If the town provides a zone change, the company plans to complete construction in six to eight months so it can begin leasing in early 2022.
The plan is for market-rate apartments including studios renting for $1,100 a month, one-bedroom units around $1,400 to $1,500 and two-bedroom apartments at $1,800. There will be a few three-bedroom units as well.
“This building has good bones, and the opportunity is unique with the courtyard and all of the amenities,” Schlesinger said Wednesday. “If developers came along to building from scratch, they couldn’t afford to do this.”
The hotel was unusual when it opened in 1981: Unlike Marriott’s traditional mid- or high-rise concrete and glass towers, the Farmington property was built as four long wings encircling a spacious, tiered courtyard with a pool and deck.

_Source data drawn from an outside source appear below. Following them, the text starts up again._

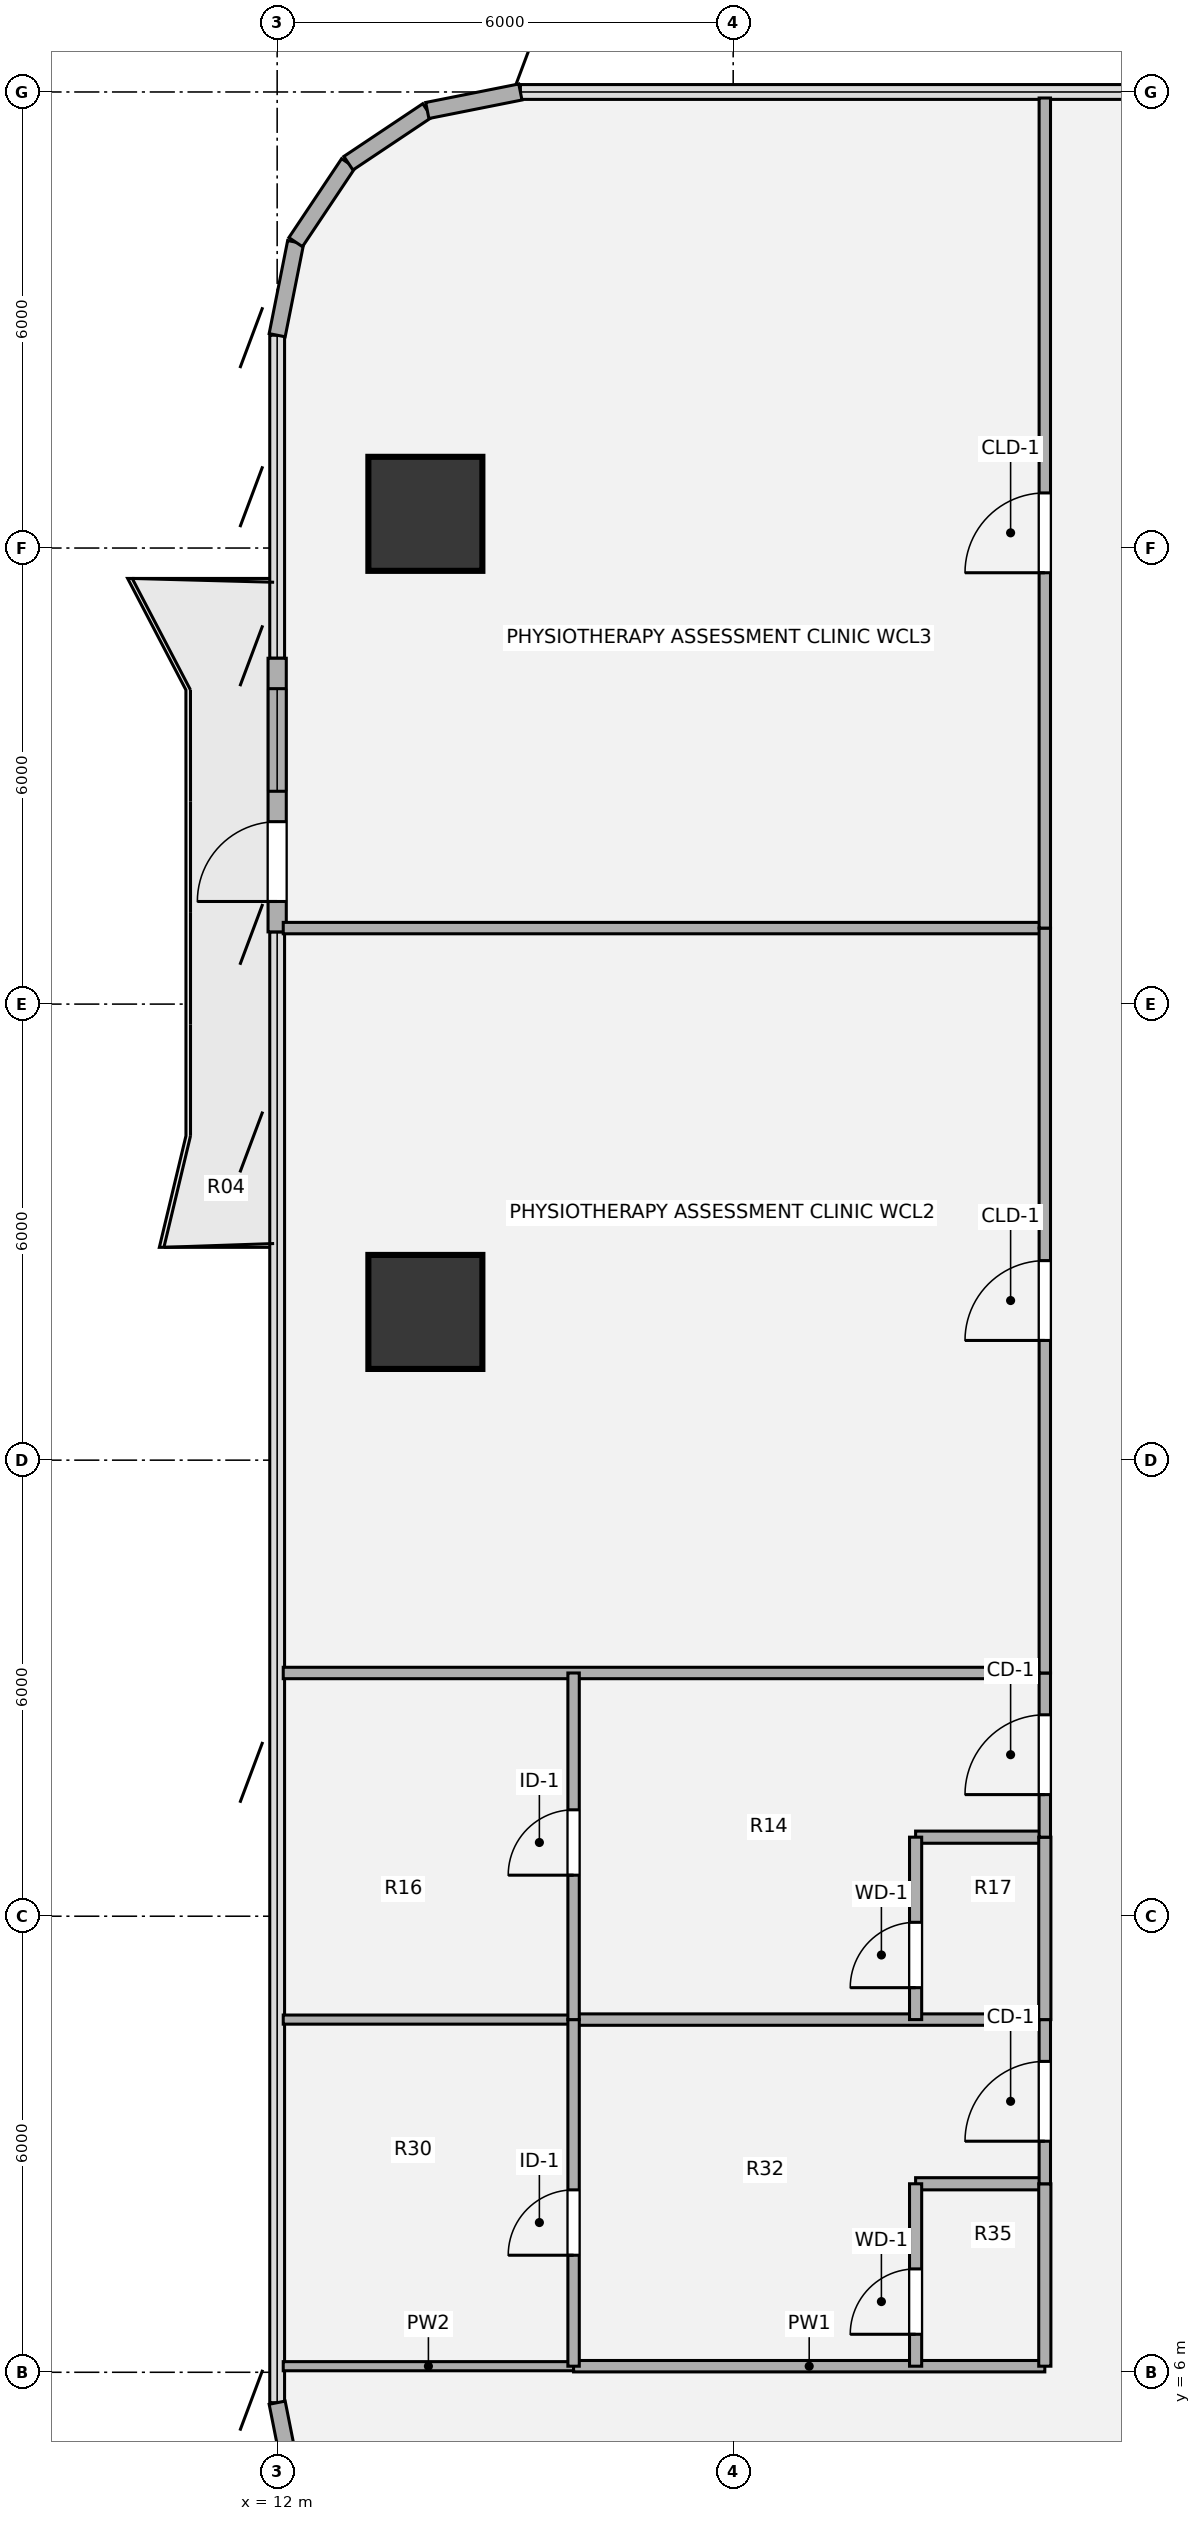
"""IFC4 building model, lengths in metres.
Left out: names, types, materials, properties, quantities, classifications, styles, units other than length and angle.
Written with IfcOpenShell. Run it as: python <this file> out.ifc"""

import sys

from ifc_helpers import new_model, si_unit, direction, frame, frame_2d, origin, origin_2d, place, context, subcontext, project, spatial, rectangle, hollow_circle, extrude, source, transform, mapped, element, fill, save


model = new_model("IFC4")
c1 = context("Model", 3, precision=1e-05, world=origin(), true_north=direction((0.0, 1.0)))
c2 = subcontext(c1, "Body", "Model", "MODEL_VIEW")
j1 = project(units=[si_unit("LENGTHUNIT", "METRE"), si_unit("PLANEANGLEUNIT", "RADIAN")], contexts=[c1])
p1 = place(None, origin())
s1 = spatial("IfcSite", under=j1, at=p1, CompositionType="ELEMENT")
p2 = place(p1, origin())
s2 = spatial("IfcBuilding", under=s1, at=p2, CompositionType="ELEMENT")
p3 = place(p2, frame((0.0, 0.0, 53.46)))
s3 = spatial("IfcBuildingStorey", under=s2, at=p3, CompositionType="ELEMENT", Elevation=53.46)
m1 = source(origin(), c2, "Body", "SweptSolid", [
    extrude(hollow_circle(Radius=0.75, WallThickness=0.05, at=origin_2d()), origin(), (0.0, 0.0, 1.0), 3.78),
])
for number, where, z_axis, x_axis in (
    (1, (13.95, 19.95, 0.0), (0.0, 0.0, 1.0), (1.0, 0.0, 0.0)),
    (2, (13.95, 30.45, 0.0), (0.0, 0.0, 1.0), (1.0, 0.0, 0.0)),
):
    element("IfcColumn", number, at=place(p3, frame(where, z_axis=z_axis, x_axis=x_axis)), inside=s3, PredefinedType="COLUMN", context=c2, shape_type="MappedRepresentation", body=[
        mapped(m1, transform((0.0, 0.0, 0.0), x_axis=(1.0, 0.0, 0.0), y_axis=(0.0, 1.0, 0.0), z_axis=(0.0, 0.0, 1.0), scale=1.0)),
    ])
p4 = place(p3, frame((12.244, 4.375, 0.0), z_axis=(0.0, 0.0, 1.0), x_axis=(-0.195138390419, 0.980775717779, 0.0)))
e3 = element("IfcWall", 3, at=p4, inside=s3, PredefinedType="SOLIDWALL", context=c2, shape_type="SweptSolid", body=[
    extrude(rectangle(XDim=1.249, YDim=0.215, at=frame_2d((0.624, 0.0))), origin(), (0.0, 0.0, 1.0), 3.53),
])
p5 = place(p3, frame((12.0, 24.95, 0.0), z_axis=(0.0, 0.0, 1.0), x_axis=(0.0, 1.0, 0.0)))
e4 = element("IfcWall", 4, at=p5, inside=s3, PredefinedType="SOLIDWALL", context=c2, shape_type="SweptSolid", body=[
    extrude(rectangle(XDim=3.6, YDim=0.24, at=frame_2d((1.8, 0.0))), origin(), (0.0, 0.0, 1.0), 3.53),
])
p6 = place(p5, frame((0.4, 0.0, 0.0)))
e5 = element("IfcOpeningElement", 5, at=p6, cuts=e4, PredefinedType="OPENING", context=c2, shape_type="SweptSolid", body=[
    extrude(rectangle(XDim=1.05, YDim=2.15, at=origin_2d()), frame((0.525, 0.13, 1.075), z_axis=(0.0, -1.0, 0.0), x_axis=(1.0, 0.0, 0.0)), (0.0, 0.0, 1.0), 0.26),
])
p7 = place(p5, frame((1.85, 0.0, 0.85)))
e6 = element("IfcOpeningElement", 6, at=p7, cuts=e4, PredefinedType="OPENING", context=c2, shape_type="SweptSolid", body=[
    extrude(rectangle(XDim=1.35, YDim=1.35, at=origin_2d()), frame((0.675, 0.13, 0.675), z_axis=(0.0, -1.0, 0.0), x_axis=(1.0, 0.0, 0.0)), (0.0, 0.0, 1.0), 0.26),
])
for number, where, z_axis, x_axis in (
    (7, (12.0, 32.8, 0.0), (0.0, 0.0, 1.0), (0.195, 0.981, 0.0)),
    (8, (12.244, 34.025, 0.0), (0.0, 0.0, 1.0), (0.556, 0.831, 0.0)),
    (9, (12.937, 35.063, 0.0), (0.0, 0.0, 1.0), (0.831, 0.556, 0.0)),
    (10, (13.975, 35.756, 0.0), (0.0, 0.0, 1.0), (0.981, 0.195, 0.0)),
):
    element("IfcWall", number, at=place(p3, frame(where, z_axis=z_axis, x_axis=x_axis)), inside=s3, PredefinedType="SOLIDWALL", context=c2, shape_type="SweptSolid", body=[
        extrude(rectangle(XDim=1.249, YDim=0.215, at=frame_2d((0.624, 0.0))), origin(), (0.0, 0.0, 1.0), 3.53),
    ])
p8 = place(p3, frame((12.08, 6.08, 0.0), z_axis=(0.0, 0.0, 1.0), x_axis=(1.0, 0.0, 0.0)))
e11 = element("IfcWall", 11, at=p8, inside=s3, PredefinedType="PARTITIONING", context=c2, shape_type="SweptSolid", body=[
    extrude(rectangle(XDim=3.82, YDim=0.12, at=frame_2d((1.91, 0.0))), origin(), (0.0, 0.0, 1.0), 3.5),
])
p9 = place(p3, frame((15.9, 6.08, 0.0), z_axis=(0.0, 0.0, 1.0), x_axis=(1.0, 0.0, 0.0)))
e12 = element("IfcWall", 12, at=p9, inside=s3, PredefinedType="PARTITIONING", context=c2, shape_type="SweptSolid", body=[
    extrude(rectangle(XDim=6.2, YDim=0.15, at=frame_2d((3.1, 0.0))), origin(), (0.0, 0.0, 1.0), 3.5),
])
p10 = place(p3, frame((20.4, 8.48, 0.0), z_axis=(0.0, 0.0, 1.0), x_axis=(1.0, 0.0, 0.0)))
e13 = element("IfcWall", 13, at=p10, inside=s3, PredefinedType="PLUMBINGWALL", context=c2, shape_type="SweptSolid", body=[
    extrude(rectangle(XDim=1.7, YDim=0.16, at=frame_2d((0.85, 0.0))), origin(), (0.0, 0.0, 1.0), 3.5),
])
p11 = place(p3, frame((12.08, 10.64, 0.0), z_axis=(0.0, 0.0, 1.0), x_axis=(1.0, 0.0, 0.0)))
e14 = element("IfcWall", 14, at=p11, inside=s3, PredefinedType="PARTITIONING", context=c2, shape_type="SweptSolid", body=[
    extrude(rectangle(XDim=3.82, YDim=0.12, at=frame_2d((1.91, 0.0))), origin(), (0.0, 0.0, 1.0), 3.5),
])
p12 = place(p3, frame((15.9, 10.64, 0.0), z_axis=(0.0, 0.0, 1.0), x_axis=(1.0, 0.0, 0.0)))
e15 = element("IfcWall", 15, at=p12, inside=s3, PredefinedType="PARTITIONING", context=c2, shape_type="SweptSolid", body=[
    extrude(rectangle(XDim=6.2, YDim=0.15, at=frame_2d((3.1, 0.0))), origin(), (0.0, 0.0, 1.0), 3.5),
])
p13 = place(p3, frame((20.4, 13.04, 0.0), z_axis=(0.0, 0.0, 1.0), x_axis=(1.0, 0.0, 0.0)))
e16 = element("IfcWall", 16, at=p13, inside=s3, PredefinedType="PLUMBINGWALL", context=c2, shape_type="SweptSolid", body=[
    extrude(rectangle(XDim=1.7, YDim=0.16, at=frame_2d((0.85, 0.0))), origin(), (0.0, 0.0, 1.0), 3.5),
])
p14 = place(p3, frame((12.08, 15.2, 0.0), z_axis=(0.0, 0.0, 1.0), x_axis=(1.0, 0.0, 0.0)))
e17 = element("IfcWall", 17, at=p14, inside=s3, PredefinedType="PARTITIONING", context=c2, shape_type="SweptSolid", body=[
    extrude(rectangle(XDim=10.02, YDim=0.15, at=frame_2d((5.01, 0.0))), origin(), (0.0, 0.0, 1.0), 3.5),
])
p15 = place(p3, frame((12.08, 25.0, 0.0), z_axis=(0.0, 0.0, 1.0), x_axis=(1.0, 0.0, 0.0)))
e18 = element("IfcWall", 18, at=p15, inside=s3, PredefinedType="PARTITIONING", context=c2, shape_type="SweptSolid", body=[
    extrude(rectangle(XDim=10.02, YDim=0.15, at=frame_2d((5.01, 0.0))), origin(), (0.0, 0.0, 1.0), 2.982),
])
p16 = place(p3, frame((15.9, 6.08, 0.0), z_axis=(0.0, 0.0, 1.0), x_axis=(0.0, 1.0, 0.0)))
e19 = element("IfcWall", 19, at=p16, inside=s3, PredefinedType="PARTITIONING", context=c2, shape_type="SweptSolid", body=[
    extrude(rectangle(XDim=4.56, YDim=0.15, at=frame_2d((2.28, 0.0))), origin(), (0.0, 0.0, 1.0), 3.5),
])
p17 = place(p16, frame((1.46, 0.0, 0.0)))
e20 = element("IfcOpeningElement", 20, at=p17, cuts=e19, PredefinedType="OPENING", context=c2, shape_type="SweptSolid", body=[
    extrude(rectangle(XDim=0.86, YDim=2.1, at=origin_2d()), frame((0.43, 0.085, 1.05), z_axis=(0.0, -1.0, 0.0), x_axis=(1.0, 0.0, 0.0)), (0.0, 0.0, 1.0), 0.17),
])
p18 = place(p3, frame((15.9, 10.64, 0.0), z_axis=(0.0, 0.0, 1.0), x_axis=(0.0, 1.0, 0.0)))
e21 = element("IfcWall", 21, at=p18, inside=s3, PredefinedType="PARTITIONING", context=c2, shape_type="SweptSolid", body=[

CLP Farmington intends to keep that as the social center of its new project; it will upgrade the deck and pool, improve the landscaping, and add a fire pit and barbecue area. The company also plans a pickleball court and dog wash stations for pet owners.
On a tour of the building, Schlesinger said the hotel’s office area will become a two-story fitness center with a glass wall overlooking the courtyard. The indoor pool area also will be refurbished, he said.
A new restaurant and bar will be built along along a what’s currently a corridor wall between the lobby and exhibition space. That wall will be replaced by a massive retractable glass door, providing inside and outside seating.
“We’re going to repurpose this asset and use every inch of it. And the amenities are what will set us apart,” Schlesinger said. “This courtyard is unique. It will be the focal point of our community.”
The E wing, a 1987 stand-alone addition, will mostly be converted to studio apartments.
Chuck Coursey, a West Hartford consultant working with CLP Farmington, predicted the apartments will appeal to a wide range of tenants, but particularly to workers from nearby employers like Raytheon and even ESPN.
The hotel sold for just under $23 million in 2005, but struggled in many of the years since then. It had been one of central Connecticut’s premiere gathering places in the 1980s and ’90s, when its bar and restaurant attracted big crowds even on weeknights.
The hotel continued to host seminars, job fairs, corporate meetings, school reunions, wedding receptions and more up until its closing, but its banquet business and its room occupancy rate both suffered as nearby employers like United Technologies reduced local staffing.
At the same time, new competitors have been appearing in Southington, Plainville, Bristol and West Hartford, and in recent years hotel management had been reducing maintenance.
Most of the hotel still appeared immaculate Wednesday, but outdoor stone stairways leading from the courtyard needed repair. The hotel had long since removed its hot tub, and the indoor pool locker area had been showing wear for years.
“Big properties like this — hotels, malls, apartment projects — are like living, breathing ecosystems,” Schlesinger said. “This property had been deprived of oxygen. Now we have a beautiful opportunity to reuse it.”